Such improvements can have very important health benefits. The recent interest in developing an improved small pox vaccine – given the increased threat of bio-terrorist attacks and the high rate of adverse (potentially fatal) side effects of existing small pox vaccines – illustrates this point. More generally, in the Institute of Medicine’s (2001) list of priorities for vaccine development that would convey substantial domestic health benefits, about one-third of the priorities involve developing improved versions of existing vaccines. Health benefits from improved vaccines can come not only from reduced side effects, but also from increased efficacy at providing immunity. Both of these improvements in turn may play a critical role in increasing vaccination rates, without which the vaccine cannot confer health benefits. In addition, an improved vaccine can take the form of combining separate, existing vaccines against different diseases into a single vaccine; these “combination vaccines” can play a very important role in increasing compliance with the recommended immunization schedule by reducing the number of different shots and visits needed to complete the immunization schedule (Decker and Edwards (1999),
American Academy of Family Physicians (2000)).
Improvements to existing vaccines may require fundamental technological advances. For example, an important improvement to the Hepatitis B vaccine was to use recombinant DNA techniques to obviate the need to use human plasma products in the vaccine, thus reducing the risk of transmission of HIV with the vaccine. As a result, basic research in vaccines against diseases for which vaccines already exists continues, as evidenced by new patent filings for vaccines against these diseases. However, not all improvements to existing vaccines represent the development or commercialization of previously-unused technologies, as the case of “combination vaccines” makes clear. To preview results in Section 7, I find that about one-third to two-fifths of the induced new clinical trials represent attempts to commercialize previously unused vaccine technologies; the remainder involve repackaging technologies already in use
11 into combination vaccines.
4. The data
Data on pharmaceutical companies’ R&D expenditures on particular projects are unavailable. Indeed, at very early stages in the R&D pipeline they may not even exist, as researchers may not yet know the therapeutic attributes of the compound under study. Instead, I measure four outcomes of the underlying expenditure decisions that capture increasingly late stages of the R&D pipeline: the filing of an
(ultimately successful) patent application, the start of a new pre-clinical trial, the start of a new clinical trial, and FDA approval of a new vaccine. I draw on a novel data set to construct measures of the last three activities in each year for each disease.
4.1 Data on new pre-clinical trials, new clinical trials, and approvals.
These data come from an annual business publication, The NDA Pipeline, which has been published since 1982.12 It is published by F-D-C Reports, a well-regarded, long-established, research firm that covers the pharmaceutical industry.13 The publication contains a listing, for each company or research organization, of all of its pharmaceutical products in development at the end of the calendar year, a brief description of each product, and each product’s stage in the R&D pipeline.
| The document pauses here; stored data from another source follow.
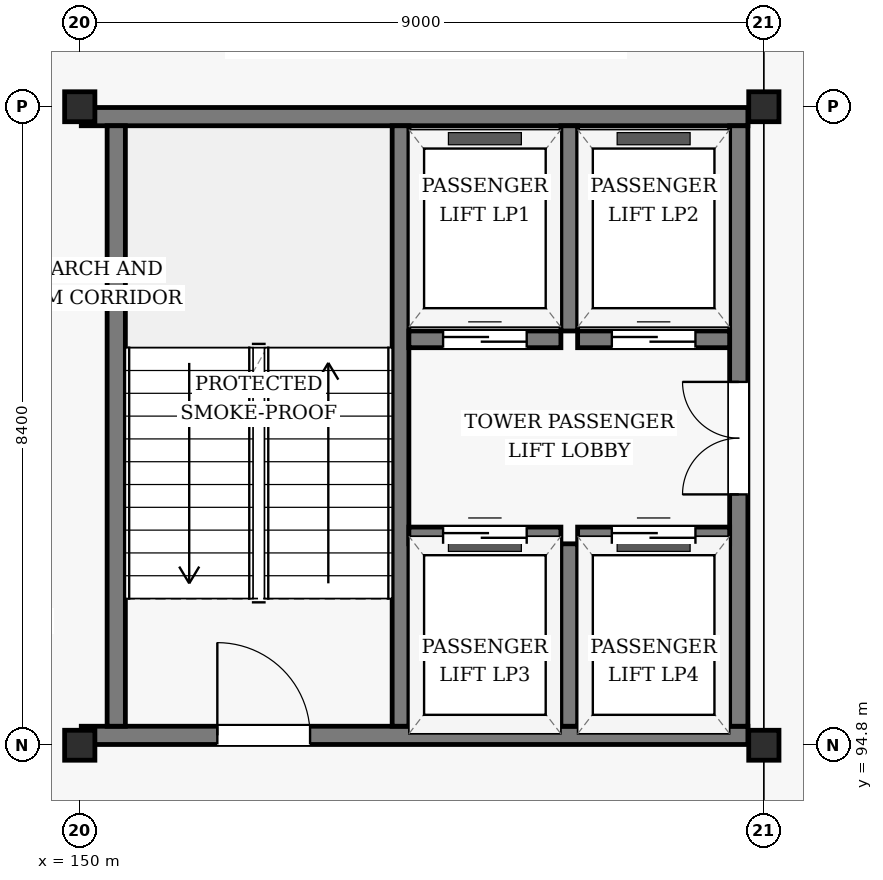
"""IFC4 building model, lengths in metres.
Left out: names, types, materials, properties, quantities, classifications, styles, units other than length and angle.
Written with IfcOpenShell. Run it as: python <this file> out.ifc"""

import sys

from ifc_helpers import new_model, si_unit, direction, frame, frame_2d, origin, origin_2d, place, context, subcontext, project, spatial, rectangle, i_section, extrude, element, fill, save


model = new_model("IFC4")
c1 = context("Model", 3, precision=1e-05, world=origin(), true_north=direction((0.0, 1.0)))
c2 = subcontext(c1, "Body", "Model", "MODEL_VIEW")
j1 = project(units=[si_unit("LENGTHUNIT", "METRE"), si_unit("PLANEANGLEUNIT", "RADIAN")], contexts=[c1])
p1 = place(None, origin())
s1 = spatial("IfcSite", under=j1, at=p1, CompositionType="ELEMENT")
p2 = place(p1, origin())
s2 = spatial("IfcBuilding", under=s1, at=p2, CompositionType="ELEMENT")
p3 = place(p2, frame((0.0, 0.0, 28.2)))
s3 = spatial("IfcBuildingStorey", under=s2, at=p3, CompositionType="ELEMENT", Elevation=28.2)
for number, where, z_axis, x_axis in (
    (1, (150.0, 94.8, 0.0), (0.0, 0.0, 1.0), (1.0, 0.0, 0.0)),
    (2, (150.0, 103.2, 0.0), (0.0, 0.0, 1.0), (1.0, 0.0, 0.0)),
    (3, (159.0, 94.8, 0.0), (0.0, 0.0, 1.0), (1.0, 0.0, 0.0)),
    (4, (159.0, 103.2, 0.0), (0.0, 0.0, 1.0), (1.0, 0.0, 0.0)),
):
    element("IfcColumn", number, at=place(p3, frame(where, z_axis=z_axis, x_axis=x_axis)), inside=s3, PredefinedType="COLUMN", context=c2, shape_type="SweptSolid", body=[
        extrude(i_section(OverallWidth=0.398, OverallDepth=0.394, WebThickness=0.011, FlangeThickness=0.018, FilletRadius=0.022, at=origin_2d()), origin(), (0.0, 0.0, 1.0), 3.6),
    ])
p4 = place(p3, frame((150.02, 94.93, 0.0), z_axis=(0.0, 0.0, 1.0), x_axis=(1.0, 0.0, 0.0)))
e5 = element("IfcWall", 5, at=p4, inside=s3, PredefinedType="SHEAR", context=c2, shape_type="SweptSolid", body=[
    extrude(rectangle(XDim=8.77, YDim=0.24, at=frame_2d((4.385, 0.0))), origin(), (0.0, 0.0, 1.0), 3.352),
])
p5 = place(p4, frame((1.79, 0.0, 0.0)))
e6 = element("IfcOpeningElement", 6, at=p5, cuts=e5, PredefinedType="OPENING", context=c2, shape_type="SweptSolid", body=[
    extrude(rectangle(XDim=1.22, YDim=2.18, at=frame_2d((0.61, 1.09))), frame((0.0, 0.13, 0.0), z_axis=(0.0, -1.0, 0.0), x_axis=(1.0, 0.0, 0.0)), (0.0, 0.0, 1.0), 0.26),
])
p6 = place(p3, frame((150.02, 103.07, 0.0), z_axis=(0.0, 0.0, 1.0), x_axis=(1.0, 0.0, 0.0)))
e7 = element("IfcWall", 7, at=p6, inside=s3, PredefinedType="SHEAR", context=c2, shape_type="SweptSolid", body=[
    extrude(rectangle(XDim=8.77, YDim=0.24, at=frame_2d((4.385, 0.0))), origin(), (0.0, 0.0, 1.0), 3.352),
])
p7 = place(p3, frame((150.48, 95.05, 0.0), z_axis=(0.0, 0.0, 1.0), x_axis=(0.0, 1.0, 0.0)))
e8 = element("IfcWall", 8, at=p7, inside=s3, PredefinedType="SHEAR", context=c2, shape_type="SweptSolid", body=[
    extrude(rectangle(XDim=7.9, YDim=0.24, at=frame_2d((3.95, 0.0))), origin(), (0.0, 0.0, 1.0), 3.352),
])
p8 = place(p3, frame((154.22, 95.05, 0.0), z_axis=(0.0, 0.0, 1.0), x_axis=(0.0, 1.0, 0.0)))
e9 = element("IfcWall", 9, at=p8, inside=s3, PredefinedType="SHEAR", context=c2, shape_type="SweptSolid", body=[
    extrude(rectangle(XDim=7.9, YDim=0.22, at=frame_2d((3.95, 0.0))), origin(), (0.0, 0.0, 1.0), 3.352),
])
p9 = place(p3, frame((158.67, 95.05, 0.0), z_axis=(0.0, 0.0, 1.0), x_axis=(0.0, 1.0, 0.0)))
e10 = element("IfcWall", 10, at=p9, inside=s3, PredefinedType="SHEAR", context=c2, shape_type="SweptSolid", body=[
    extrude(rectangle(XDim=7.9, YDim=0.24, at=frame_2d((3.95, 0.0))), origin(), (0.0, 0.0, 1.0), 3.352),
])
p10 = place(p9, frame((3.05, 0.0, 0.0)))
e11 = element("IfcOpeningElement", 11, at=p10, cuts=e10, PredefinedType="OPENING", context=c2, shape_type="SweptSolid", body=[
    extrude(rectangle(XDim=1.48, YDim=2.22, at=frame_2d((0.74, 1.11))), frame((0.0, 0.13, 0.0), z_axis=(0.0, -1.0, 0.0), x_axis=(1.0, 0.0, 0.0)), (0.0, 0.0, 1.0), 0.26),
])
p11 = place(p3, frame((156.44, 100.25, 0.0), z_axis=(0.0, 0.0, 1.0), x_axis=(0.0, 1.0, 0.0)))
e12 = element("IfcWall", 12, at=p11, inside=s3, PredefinedType="SHEAR", context=c2, shape_type="SweptSolid", body=[
    extrude(rectangle(XDim=2.7, YDim=0.22, at=frame_2d((1.35, 0.0))), origin(), (0.0, 0.0, 1.0), 3.352),
])
p12 = place(p3, frame((154.33, 100.14, 0.0), z_axis=(0.0, 0.0, 1.0), x_axis=(1.0, 0.0, 0.0)))
e13 = element("IfcWall", 13, at=p12, inside=s3, PredefinedType="SHEAR", context=c2, shape_type="SweptSolid", body=[
    extrude(rectangle(XDim=2.0, YDim=0.22, at=frame_2d((1.0, 0.0))), origin(), (0.0, 0.0, 1.0), 3.352),
])
p13 = place(p12, frame((0.45, 0.0, 0.0)))
e14 = element("IfcOpeningElement", 14, at=p13, cuts=e13, PredefinedType="OPENING", context=c2, shape_type="SweptSolid", body=[
    extrude(rectangle(XDim=1.1, YDim=2.15, at=frame_2d((0.55, 1.075))), frame((0.0, 0.12, 0.0), z_axis=(0.0, -1.0, 0.0), x_axis=(1.0, 0.0, 0.0)), (0.0, 0.0, 1.0), 0.24),
])
p14 = place(p3, frame((156.55, 100.14, 0.0), z_axis=(0.0, 0.0, 1.0), x_axis=(1.0, 0.0, 0.0)))
e15 = element("IfcWall", 15, at=p14, inside=s3, PredefinedType="SHEAR", context=c2, shape_type="SweptSolid", body=[
    extrude(rectangle(XDim=2.0, YDim=0.22, at=frame_2d((1.0, 0.0))), origin(), (0.0, 0.0, 1.0), 3.352),
])
p15 = place(p14, frame((0.45, 0.0, 0.0)))
e16 = element("IfcOpeningElement", 16, at=p15, cuts=e15, PredefinedType="OPENING", context=c2, shape_type="SweptSolid", body=[
    extrude(rectangle(XDim=1.1, YDim=2.15, at=frame_2d((0.55, 1.075))), frame((0.0, 0.12, 0.0), z_axis=(0.0, -1.0, 0.0), x_axis=(1.0, 0.0, 0.0)), (0.0, 0.0, 1.0), 0.24),
])
p16 = place(p3, frame((156.44, 95.05, 0.0), z_axis=(0.0, 0.0, 1.0), x_axis=(0.0, 1.0, 0.0)))
e17 = element("IfcWall", 17, at=p16, inside=s3, PredefinedType="SHEAR", context=c2, shape_type="SweptSolid", body=[
    extrude(rectangle(XDim=2.4, YDim=0.22, at=frame_2d((1.2, 0.0))), origin(), (0.0, 0.0, 1.0), 3.352),
])
p17 = place(p3, frame((154.33, 97.56, 0.0), z_axis=(0.0, 0.0, 1.0), x_axis=(1.0, 0.0, 0.0)))
e18 = element("IfcWall", 18, at=p17, inside=s3, PredefinedType="SHEAR", context=c2, shape_type="SweptSolid", body=[
    extrude(rectangle(XDim=2.0, YDim=0.22, at=frame_2d((1.0, 0.0))), origin(), (0.0, 0.0, 1.0), 3.352),
])
p18 = place(p17, frame((0.45, 0.0, 0.0)))
e19 = element("IfcOpeningElement", 19, at=p18, cuts=e18, PredefinedType="OPENING", context=c2, shape_type="SweptSolid", body=[
    extrude(rectangle(XDim=1.1, YDim=2.15, at=frame_2d((0.55, 1.075))), frame((0.0, 0.12, 0.0), z_axis=(0.0, -1.0, 0.0), x_axis=(1.0, 0.0, 0.0)), (0.0, 0.0, 1.0), 0.24),
])
p19 = place(p3, frame((156.55, 97.56, 0.0), z_axis=(0.0, 0.0, 1.0), x_axis=(1.0, 0.0, 0.0)))
e20 = element("IfcWall", 20, at=p19, inside=s3, PredefinedType="SHEAR", context=c2, shape_type="SweptSolid", body=[
    extrude(rectangle(XDim=2.0, YDim=0.22, at=frame_2d((1.0, 0.0))), origin(), (0.0, 0.0, 1.0), 3.352),
])
p20 = place(p19, frame((0.45, 0.0, 0.0)))
e21 = element("IfcOpeningElement", 21, at=p20, cuts=e20, PredefinedType="OPENING", context=c2, shape_type="SweptSolid", body=[
    extrude(rectangle(XDim=1.1, YDim=2.15, at=frame_2d((0.55, 1.075))), frame((0.0, 0.12, 0.0), z_axis=(0.0, -1.0, 0.0), x_axis=(1.0, 0.0, 0.0)), (0.0, 0.0, 1.0), 0.24),
])
p21 = place(p5, origin())
e22 = element("IfcDoor", 22, at=p21, inside=s3, OperationType="SINGLE_SWING_LEFT", PredefinedType="DOOR", context=c2, shape_type="SweptSolid", body=[
    extrude(rectangle(XDim=1.22, YDim=2.18, at=frame_2d((0.61, 1.09))), frame((0.0, 0.025, 0.0), z_axis=(0.0, -1.0, 0.0), x_axis=(1.0, 0.0, 0.0)), (0.0, 0.0, 1.0), 0.05),
])
fill(e6, e22)
p22 = place(p10, origin())
e23 = element("IfcDoor", 23, at=p22, inside=s3, OperationType="DOUBLE_DOOR_SINGLE_SWING", PredefinedType="DOOR", context=c2, shape_type="SweptSolid", body=[
    extrude(rectangle(XDim=1.48, YDim=2.22, at=frame_2d((0.74, 1.11))), frame((0.0, 0.025, 0.0), z_axis=(0.0, -1.0, 0.0), x_axis=(1.0, 0.0, 0.0)), (0.0, 0.0, 1.0), 0.05),
])
fill(e11, e23)
p23 = place(p13, origin())
e24 = element("IfcDoor", 24, at=p23, inside=s3, OperationType="SLIDING_TO_LEFT", PredefinedType="DOOR", context=c2, shape_type="SweptSolid", body=[
    extrude(rectangle(XDim=1.1, YDim=2.15, at=frame_2d((0.55, 1.075))), frame((0.0, 0.025, 0.0), z_axis=(0.0, -1.0, 0.0), x_axis=(1.0, 0.0, 0.0)), (0.0, 0.0, 1.0), 0.05),
])
fill(e14, e24)
p24 = place(p15, origin())
e25 = element("IfcDoor", 25, at=p24, inside=s3, OperationType="SLIDING_TO_LEFT", PredefinedType="DOOR", context=c2, shape_type="SweptSolid", body=[
    extrude(rectangle(XDim=1.1, YDim=2.15, at=frame_2d((0.55, 1.075))), frame((0.0, 0.025, 0.0), z_axis=(0.0, -1.0, 0.0), x_axis=(1.0, 0.0, 0.0)), (0.0, 0.0, 1.0), 0.05),
])
fill(e16, e25)
p25 = place(p18, origin())
e26 = element("IfcDoor", 26, at=p25, inside=s3, OperationType="SLIDING_TO_LEFT", PredefinedType="DOOR", context=c2, shape_type="SweptSolid", body=[
    extrude(rectangle(XDim=1.1, YDim=2.15, at=frame_2d((0.55, 1.075))), frame((0.0, 0.025, 0.0), z_axis=(0.0, -1.0, 0.0), x_axis=(1.0, 0.0, 0.0)), (0.0, 0.0, 1.0), 0.05),
])
fill(e19, e26)
p26 = place(p20, origin())
e27 = element("IfcDoor", 27, at=p26, inside=s3, OperationType="SLIDING_TO_LEFT", PredefinedType="DOOR", context=c2, shape_type="SweptSolid", body=[
    extrude(rectangle(XDim=1.1, YDim=2.15, at=frame_2d((0.55, 1.075))), frame((0.0, 0.025, 0.0), z_axis=(0.0, -1.0, 0.0), x_axis=(1.0, 0.0, 0.0)), (0.0, 0.0, 1.0), 0.05),
])
fill(e21, e27)
save(model, sys.argv[1])

The publication aims to cover all companies with a presence in the United States, and to report on any products anywhere in the pipeline from pre-clinical trials through approvals. It collects similar information from high-profile, non-profit, research organizations in the U.S. Data are collected from four primary sources. These include any information publicly released by the company (for example to potential investors and stock analysts, required disclosures to the SEC, or at scientific conferences), information released by the FDA, company responses to the F-D-C’s annual survey of each company’s pipeline, and specific contacts in the various firms. The F-D-C sends the initial description of each company’s pipeline to the company for verification.14
12 The complete collection of volumes is available at the Tufts Center for Drug Development in Boston. I am extremely grateful to the Center and its staff for allowing me access to the library. 13 Additional information about the company and its publication can be found at http://www.fdcreports.com. 14 Based on conversations with individuals in the research division and customer service division of F-D-C Reports.
12 Interviews with people who work in the industry or use the reports indicate that these are thought to be reliable data. While probably not completely comprehensive, the collection method is believed to capture the vast majority of compounds in clinical trials. I was able to verify the general quality of the data by ascertaining that any product that I knew had been in clinical trial or approved was indeed in the data, and by observing the continuity from year to year in a product’s description, and its movement through the phases of the clinical trials.15
The data’s primary disadvantage is that they rely heavily on self-reported information. Companies are, in general, eager to report on projects in clinical trials, for this attracts positive publicity and potential investor support. In addition, since much of the information on clinical activity has already been released to certain segments of the public, and The NDA Pipeline is widely read in the industry, companies respond to the F-D-C surveys to ensure the accuracy of the reported information. Because companies are less likely to publicize information on pre-clinical trials, the data are considered – both by industry members and the F-D-C staff – substantially more reliable for measuring clinical activity than pre-clinical activity. 16 Partly for this reason – as well as the fact that clinical trials represent the last and most expensive stage of development – the primary focus of the empirical work is on the effect of the policies on the decision to start new clinical trials; however, I also present suggestive evidence of the effect on new preclinical trials.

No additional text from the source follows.